Helichrysum ephelos

Scientific classification
- Kingdom: Plantae
- Clade: Embryophytes
- Clade: Tracheophytes
- Clade: Angiosperms
- Clade: Eudicots
- Clade: Asterids
- Order: Asterales
- Family: Asteraceae
- Genus: Helichrysum
- Species: H. ephelos
- Binomial name: Helichrysum ephelos Hillard

= Helichrysum ephelos =

- Genus: Helichrysum
- Species: ephelos
- Authority: Hillard

Species of plant

Helichrysum ephelos is a species of plant from South Africa.

== Description ==
The stems of this mat-forming perennial grow from a stolon that roots and branches freely. It produces multiple rosettes of leaves. The tops of the leaves are covered with short white hairs and the bottoms with felt-like silky hairs. Only the tips are free. Flowers, which are present between February and May, are webbed together at the ends of branches. The outer tips of the branches are light brown and the inner tips yellow.

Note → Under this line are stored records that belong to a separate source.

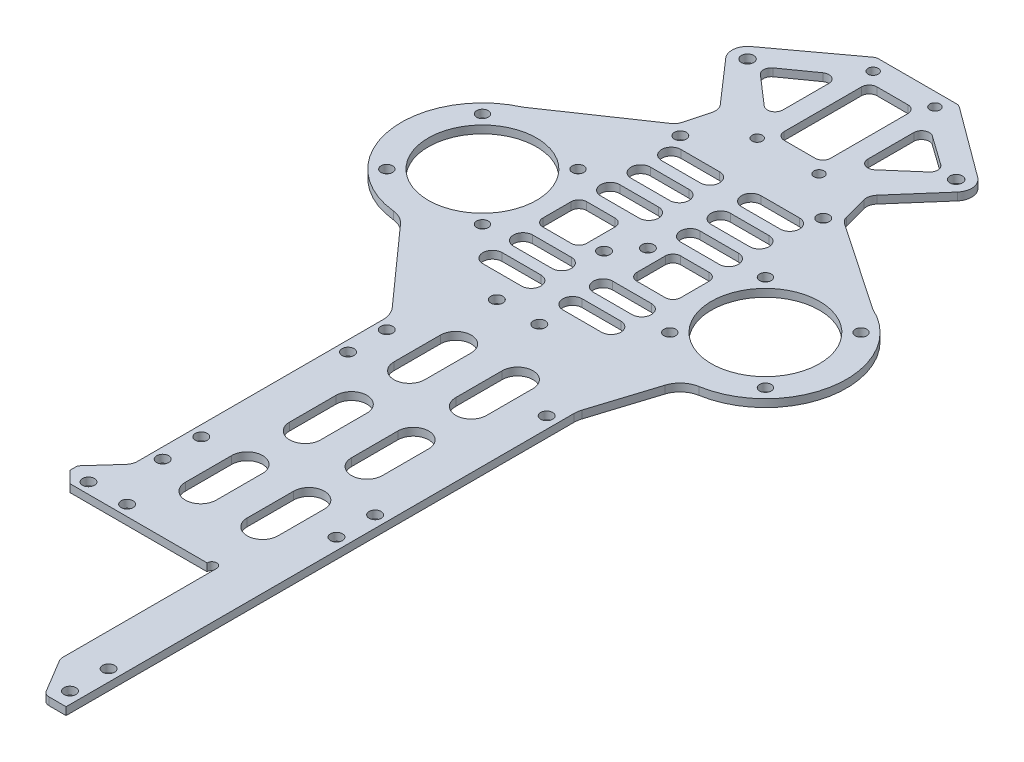
from build123d import *

# Parameters (mm, degrees)
SKETCH_1_R          = 14
SKETCH_1_R_2        = 1.5
SKETCH_1_R_3        = 1.325
SKETCH_1_R_4        = 1.55
EXTRUDE_1_DEPTH     = 2
SKETCH_2_R          = 1.6
EXTRUDE_2_DEPTH     = 2
SKETCH_3_R          = 1.25
SKETCH_3_W          = 12
SKETCH_3_H          = 24
SKETCH_3_W_2        = 11.35
SKETCH_3_H_2        = 11.35
CUT_EXTRUDE_1_DEPTH = 2
FILLET_1_R          = 2
FILLET_2_R          = 3
FILLET_3_R          = 6
CHAMFER_1_SIZE      = 3


with BuildPart() as part:
    # 草图1 → 凸台-拉伸1 (new body)
    with BuildSketch(Plane(origin=(0, 0, 0), x_dir=(1, 0, 0), z_dir=(0, 1, 0))):
        with BuildLine():
            Line((-10.689413765, 76), (10.689413765, 76))
            Line((10.689413765, 76), (21.546064807, 35.261709423))
            Line((21.546064807, 35.261709423), (45.279897923, 19.133550166))
            ThreePointArc((45.279897923, 19.133550166), (57.153085072, -4.426931585), (36.625, -21))
            Line((36.625, -21), (30, -42))
            Line((30, -42), (30, -105.4))
            Line((30, -105.4), (30, -174.4))
            Line((30, -174.4), (24.5, -174.4))
            Line((24.5, -174.4), (18.5, -164.4))
            Line((18.5, -164.4), (18.5, -123.9))
            Line((18.5, -123.9), (-22.5, -123.9))
            Line((-22.5, -123.9), (-22.5, -118.9))
            Line((-22.5, -118.9), (-15.75, -111.4))
            Line((-15.75, -111.4), (-15.75, -44.4))
            Line((-15.75, -44.4), (-36.625, -21))
            ThreePointArc((-36.625, -21), (-57.153085072, -4.426931585), (-45.279897923, 19.133550166))
            Line((-45.279897923, 19.133550166), (-21.546064807, 35.261709423))
            Line((-21.546064807, 35.261709423), (-10.689413765, 76))
        make_face()
        with Locations(Location((-36.625, 0, 0), (0, 0, 270))):
            Circle(SKETCH_1_R, mode=Mode.SUBTRACT)
        with Locations(Location((-24.250631329, 12.374368671, 0), (0, 0, 270))):
            Circle(SKETCH_1_R_2, mode=Mode.SUBTRACT)
        with Locations(Location((-24.250631329, -12.374368671, 0), (0, 0, 270))):
            Circle(SKETCH_1_R_2, mode=Mode.SUBTRACT)
        with Locations(Location((-48.999368671, -12.374368671, 0), (0, 0, 270))):
            Circle(SKETCH_1_R_2, mode=Mode.SUBTRACT)
        with Locations(Location((-48.999368671, 12.374368671, 0), (0, 0, 270))):
            Circle(SKETCH_1_R_2, mode=Mode.SUBTRACT)
        with Locations(Location((-8, 42.5, 0), (0, 0, 270))):
            Circle(SKETCH_1_R_3, mode=Mode.SUBTRACT)
        with Locations(Location((-8, 72.5, 0), (0, 0, 270))):
            Circle(SKETCH_1_R_3, mode=Mode.SUBTRACT)
        with Locations(Location((8, 42.5, 0), (0, 0, 90))):
            Circle(SKETCH_1_R_3, mode=Mode.SUBTRACT)
        with Locations(Location((8, 72.5, 0), (0, 0, 90))):
            Circle(SKETCH_1_R_3, mode=Mode.SUBTRACT)
        with Locations(Location((-18.5, 33.1, 0), (0, 0, 270))):
            Circle(SKETCH_1_R_4, mode=Mode.SUBTRACT)
        with Locations(Location((18.5, 33.1, 0), (0, 0, 90))):
            Circle(SKETCH_1_R_4, mode=Mode.SUBTRACT)
        with Locations(Location((24.250631329, -12.374368671, 0), (0, 0, 90))):
            Circle(SKETCH_1_R_2, mode=Mode.SUBTRACT)
        with Locations(Location((24.250631329, 12.374368671, 0), (0, 0, 90))):
            Circle(SKETCH_1_R_2, mode=Mode.SUBTRACT)
        with Locations(Location((48.999368671, 12.374368671, 0), (0, 0, 90))):
            Circle(SKETCH_1_R_2, mode=Mode.SUBTRACT)
        with Locations(Location((48.999368671, -12.374368671, 0), (0, 0, 90))):
            Circle(SKETCH_1_R_2, mode=Mode.SUBTRACT)
        with Locations(Location((36.625, 0, 0), (0, 0, 90))):
            Circle(SKETCH_1_R, mode=Mode.SUBTRACT)
        with Locations(Location((-5.5, -27.4, 0), (0, 0, 270))):
            Circle(SKETCH_1_R_4, mode=Mode.SUBTRACT)
        with Locations(Location((5.5, -27.4, 0), (0, 0, 90))):
            Circle(SKETCH_1_R_4, mode=Mode.SUBTRACT)
        with Locations(Location((27, -47, 0), (0, 0, 270))):
            Circle(SKETCH_1_R_4, mode=Mode.SUBTRACT)
        with Locations(Location((-13, -48.4, 0), (0, 0, 270))):
            Circle(SKETCH_1_R_4, mode=Mode.SUBTRACT)
        with Locations(Location((-13, -58.4, 0), (0, 0, 270))):
            Circle(SKETCH_1_R_4, mode=Mode.SUBTRACT)
        with Locations(Location((-13, -96.4, 0), (0, 0, 270))):
            Circle(SKETCH_1_R_4, mode=Mode.SUBTRACT)
        with Locations(Location((-13, -106.4, 0), (0, 0, 270))):
            Circle(SKETCH_1_R_4, mode=Mode.SUBTRACT)
        with Locations(Location((27, -91.4, 0), (0, 0, 270))):
            Circle(SKETCH_1_R_4, mode=Mode.SUBTRACT)
        with Locations(Location((27, -101.4, 0), (0, 0, 270))):
            Circle(SKETCH_1_R_4, mode=Mode.SUBTRACT)
        with Locations(Location((-7.5, -121.1, 0), (0, 0, 270))):
            Circle(SKETCH_1_R_4, mode=Mode.SUBTRACT)
        with Locations(Location((-17.5, -121.1, 0), (0, 0, 270))):
            Circle(SKETCH_1_R_4, mode=Mode.SUBTRACT)
        with Locations(Location((27, -170.4, 0), (0, 0, 270))):
            Circle(SKETCH_1_R_4, mode=Mode.SUBTRACT)
        with Locations(Location((27, -160.4, 0), (0, 0, 270))):
            Circle(SKETCH_1_R_4, mode=Mode.SUBTRACT)
        with Locations(Location((2.5, 3.7, 0), (0, 0, 270))):
            Circle(SKETCH_1_R_4, mode=Mode.SUBTRACT)
        with Locations(Location((-2.5, -2.65, 0), (0, 0, 270))):
            Circle(SKETCH_1_R_4, mode=Mode.SUBTRACT)
    extrude(amount=EXTRUDE_1_DEPTH)

    # 草图2 → 凸台-拉伸2 (add)
    # profile 1 of 2: a face of its own
    with BuildSketch(Plane(origin=(0, 2, 0), x_dir=(1, 0, 0), z_dir=(0, 1, 0))):
        with BuildLine():
            Line((10.689413765, 76), (19.217332547, 44))
            Line((19.217332547, 44), (30.013596127, 56.369745567))
            ThreePointArc((30.013596127, 56.369745567), (30.976318937, 59.434612141), (29.37425581, 62.219147302))
            Line((29.37425581, 62.219147302), (10.689413765, 76))
        make_face()
        with Locations(Location((27, 59, 0), (0, 0, 270))):
            Circle(SKETCH_2_R, mode=Mode.SUBTRACT)
    # profile 2 of 2: a face of its own
    with BuildSketch(Plane(origin=(0, 2, 0), x_dir=(1, 0, 0), z_dir=(0, 1, 0))):
        with BuildLine():
            Line((-19.217332547, 44), (-30.013596127, 56.369745567))
            ThreePointArc((-30.013596127, 56.369745567), (-30.976318937, 59.434612141), (-29.37425581, 62.219147302))
            Line((-29.37425581, 62.219147302), (-10.689413765, 76))
            Line((-10.689413765, 76), (-19.217332547, 44))
        make_face()
        with Locations(Location((-27, 59, 0), (0, 0, 90))):
            Circle(SKETCH_2_R, mode=Mode.SUBTRACT)
    extrude(amount=-EXTRUDE_2_DEPTH)

    # 草图3 → 切除-拉伸1 (cut)
    with BuildSketch(Plane(origin=(0, 2, 0), x_dir=(1, 0, 0), z_dir=(0, 1, 0))):
        with Locations((17.25, -123.9)):
            Circle(SKETCH_3_R)
        with Locations((0, 57.5)):
            Rectangle(SKETCH_3_W, SKETCH_3_H)
        Polygon((11, 67.914976417), (11, 47.754153586), (23.768521126, 58.842606143), align=None)
        Polygon((-11, 47.754153586), (-23.768521126, 58.842606143), (-11, 67.914976417), align=None)
        with BuildLine():
            Line((-15.35, 22.2), (-5.35, 22.2))
            ThreePointArc((-5.35, 22.2), (-2.85, 19.7), (-5.35, 17.2))
            Line((-5.35, 17.2), (-15.35, 17.2))
            ThreePointArc((-15.35, 17.2), (-17.85, 19.7), (-15.35, 22.2))
        make_face()
        with BuildLine():
            Line((-15.35, 14.3), (-5.35, 14.3))
            ThreePointArc((-5.35, 14.3), (-2.85, 11.8), (-5.35, 9.3))
            Line((-5.35, 9.3), (-15.35, 9.3))
            ThreePointArc((-15.35, 9.3), (-17.85, 11.8), (-15.35, 14.3))
        make_face()
        with BuildLine():
            Line((-15.35, 30.1), (-5.35, 30.1))
            ThreePointArc((-5.35, 30.1), (-2.85, 27.6), (-5.35, 25.1))
            Line((-5.35, 25.1), (-15.35, 25.1))
            ThreePointArc((-15.35, 25.1), (-17.85, 27.6), (-15.35, 30.1))
        make_face()
        with Locations((-12.175, 0.525)):
            Rectangle(SKETCH_3_W_2, SKETCH_3_H_2)
        with BuildLine():
            Line((-15.35, -8.25), (-5.35, -8.25))
            ThreePointArc((-5.35, -8.25), (-2.85, -10.75), (-5.35, -13.25))
            Line((-5.35, -13.25), (-15.35, -13.25))
            ThreePointArc((-15.35, -13.25), (-17.85, -10.75), (-15.35, -8.25))
        make_face()
        with BuildLine():
            Line((-15.35, -16.15), (-5.35, -16.15))
            ThreePointArc((-5.35, -16.15), (-2.85, -18.65), (-5.35, -21.15))
            Line((-5.35, -21.15), (-15.35, -21.15))
            ThreePointArc((-15.35, -21.15), (-17.85, -18.65), (-15.35, -16.15))
        make_face()
        with BuildLine():
            Line((15.35, 30.1), (5.35, 30.1))
            ThreePointArc((5.35, 30.1), (2.85, 27.6), (5.35, 25.1))
            Line((5.35, 25.1), (15.35, 25.1))
            ThreePointArc((15.35, 25.1), (17.85, 27.6), (15.35, 30.1))
        make_face()
        with BuildLine():
            Line((15.35, 22.2), (5.35, 22.2))
            ThreePointArc((5.35, 22.2), (2.85, 19.7), (5.35, 17.2))
            Line((5.35, 17.2), (15.35, 17.2))
            ThreePointArc((15.35, 17.2), (17.85, 19.7), (15.35, 22.2))
        make_face()
        with BuildLine():
            Line((15.35, 14.3), (5.35, 14.3))
            ThreePointArc((5.35, 14.3), (2.85, 11.8), (5.35, 9.3))
            Line((5.35, 9.3), (15.35, 9.3))
            ThreePointArc((15.35, 9.3), (17.85, 11.8), (15.35, 14.3))
        make_face()
        with Locations((12.175, 0.525)):
            Rectangle(SKETCH_3_W_2, SKETCH_3_H_2)
        with BuildLine():
            Line((15.35, -8.25), (5.35, -8.25))
            ThreePointArc((5.35, -8.25), (2.85, -10.75), (5.35, -13.25))
            Line((5.35, -13.25), (15.35, -13.25))
            ThreePointArc((15.35, -13.25), (17.85, -10.75), (15.35, -8.25))
        make_face()
        with BuildLine():
            Line((15.35, -16.15), (5.35, -16.15))
            ThreePointArc((5.35, -16.15), (2.85, -18.65), (5.35, -21.15))
            Line((5.35, -21.15), (15.35, -21.15))
            ThreePointArc((15.35, -21.15), (17.85, -18.65), (15.35, -16.15))
        make_face()
        with BuildLine():
            Line((3.125, -42.65), (3.125, -54.65))
            ThreePointArc((3.125, -54.65), (-0.875, -58.65), (-4.875, -54.65))
            Line((-4.875, -54.65), (-4.875, -42.65))
            ThreePointArc((-4.875, -42.65), (-0.875, -38.65), (3.125, -42.65))
        make_face()
        with BuildLine():
            Line((3.125, -69.65), (3.125, -81.65))
            ThreePointArc((3.125, -81.65), (-0.875, -85.65), (-4.875, -81.65))
            Line((-4.875, -81.65), (-4.875, -69.65))
            ThreePointArc((-4.875, -69.65), (-0.875, -65.65), (3.125, -69.65))
        make_face()
        with BuildLine():
            Line((3.125, -96.65), (3.125, -108.65))
            ThreePointArc((3.125, -108.65), (-0.875, -112.65), (-4.875, -108.65))
            Line((-4.875, -108.65), (-4.875, -96.65))
            ThreePointArc((-4.875, -96.65), (-0.875, -92.65), (3.125, -96.65))
        make_face()
        with BuildLine():
            Line((11.125, -96.65), (11.125, -108.65))
            ThreePointArc((11.125, -108.65), (15.125, -112.65), (19.125, -108.65))
            Line((19.125, -108.65), (19.125, -96.65))
            ThreePointArc((19.125, -96.65), (15.125, -92.65), (11.125, -96.65))
        make_face()
        with BuildLine():
            Line((11.125, -69.65), (11.125, -81.65))
            ThreePointArc((11.125, -81.65), (15.125, -85.65), (19.125, -81.65))
            Line((19.125, -81.65), (19.125, -69.65))
            ThreePointArc((19.125, -69.65), (15.125, -65.65), (11.125, -69.65))
        make_face()
        with BuildLine():
            Line((11.125, -42.65), (11.125, -54.65))
            ThreePointArc((11.125, -54.65), (15.125, -58.65), (19.125, -54.65))
            Line((19.125, -54.65), (19.125, -42.65))
            ThreePointArc((19.125, -42.65), (15.125, -38.65), (11.125, -42.65))
        make_face()
    extrude(amount=-CUT_EXTRUDE_1_DEPTH, mode=Mode.SUBTRACT)

    # 圆角1
    fillet_1_edges = [part.edges().sort_by_distance(p)[0] for p in [
        (-10.689413765, 1, -76),
        (10.689413765, 1, -76),
        (24.5, 1, 174.4),
        (18.5, 1, 164.4),
        (-17.85, 1, 5.15),
        (-17.85, 1, -6.2),
        (-6.5, 1, -6.2),
        (-6.5, 1, 5.15),
        (6, 1, -69.5),
        (6, 1, -45.5),
        (-6, 1, -45.5),
        (-6, 1, -69.5),
        (11, 1, -67.914976417),
        (23.768521126, 1, -58.842606143),
        (11, 1, -47.754153586),
        (-11, 1, -67.914976417),
        (-11, 1, -47.754153586),
        (-23.768521126, 1, -58.842606143),
        (17.85, 1, -6.2),
        (17.85, 1, 5.15),
        (6.5, 1, 5.15),
        (6.5, 1, -6.2),
    ]]
    fillet(fillet_1_edges, radius=FILLET_1_R)

    # 圆角2
    fillet_2_edges = [part.edges().sort_by_distance(p)[0] for p in [
        (19.217332547, 1, -44),
        (-19.217332547, 1, -44),
        (21.546064807, 1, -35.261709423),
        (-15.75, 1, 111.4),
        (-21.546064807, 1, -35.261709423),
    ]]
    fillet(fillet_2_edges, radius=FILLET_2_R)

    # 圆角3
    fillet_3_edges = [part.edges().sort_by_distance(p)[0] for p in [
        (36.625, 1, 21),
        (30, 1, 42),
        (-15.75, 1, 44.4),
        (-36.625, 1, 21),
    ]]
    fillet(fillet_3_edges, radius=FILLET_3_R)

    # 倒角1
    chamfer_1_edges = [part.edges().sort_by_distance(p)[0] for p in [
        (-22.5, 1, 123.9),
    ]]
    chamfer(chamfer_1_edges, length=CHAMFER_1_SIZE)


solid = part.part

== Distribution and habitat ==
This plant is known only from the KwaZulu Natal province in South Africa. It grows on earth banks and tussocks at wetlands and the marshy sources of streams on the Fort Nottingham Commonage and the top of Insizwa Mountain.

== Conservation ==
Helichrysum ephelos is considered to be rare by the South African National Biodiversity Institute. While it has no immediate threats, this species is a habitat specialist known from only six sites.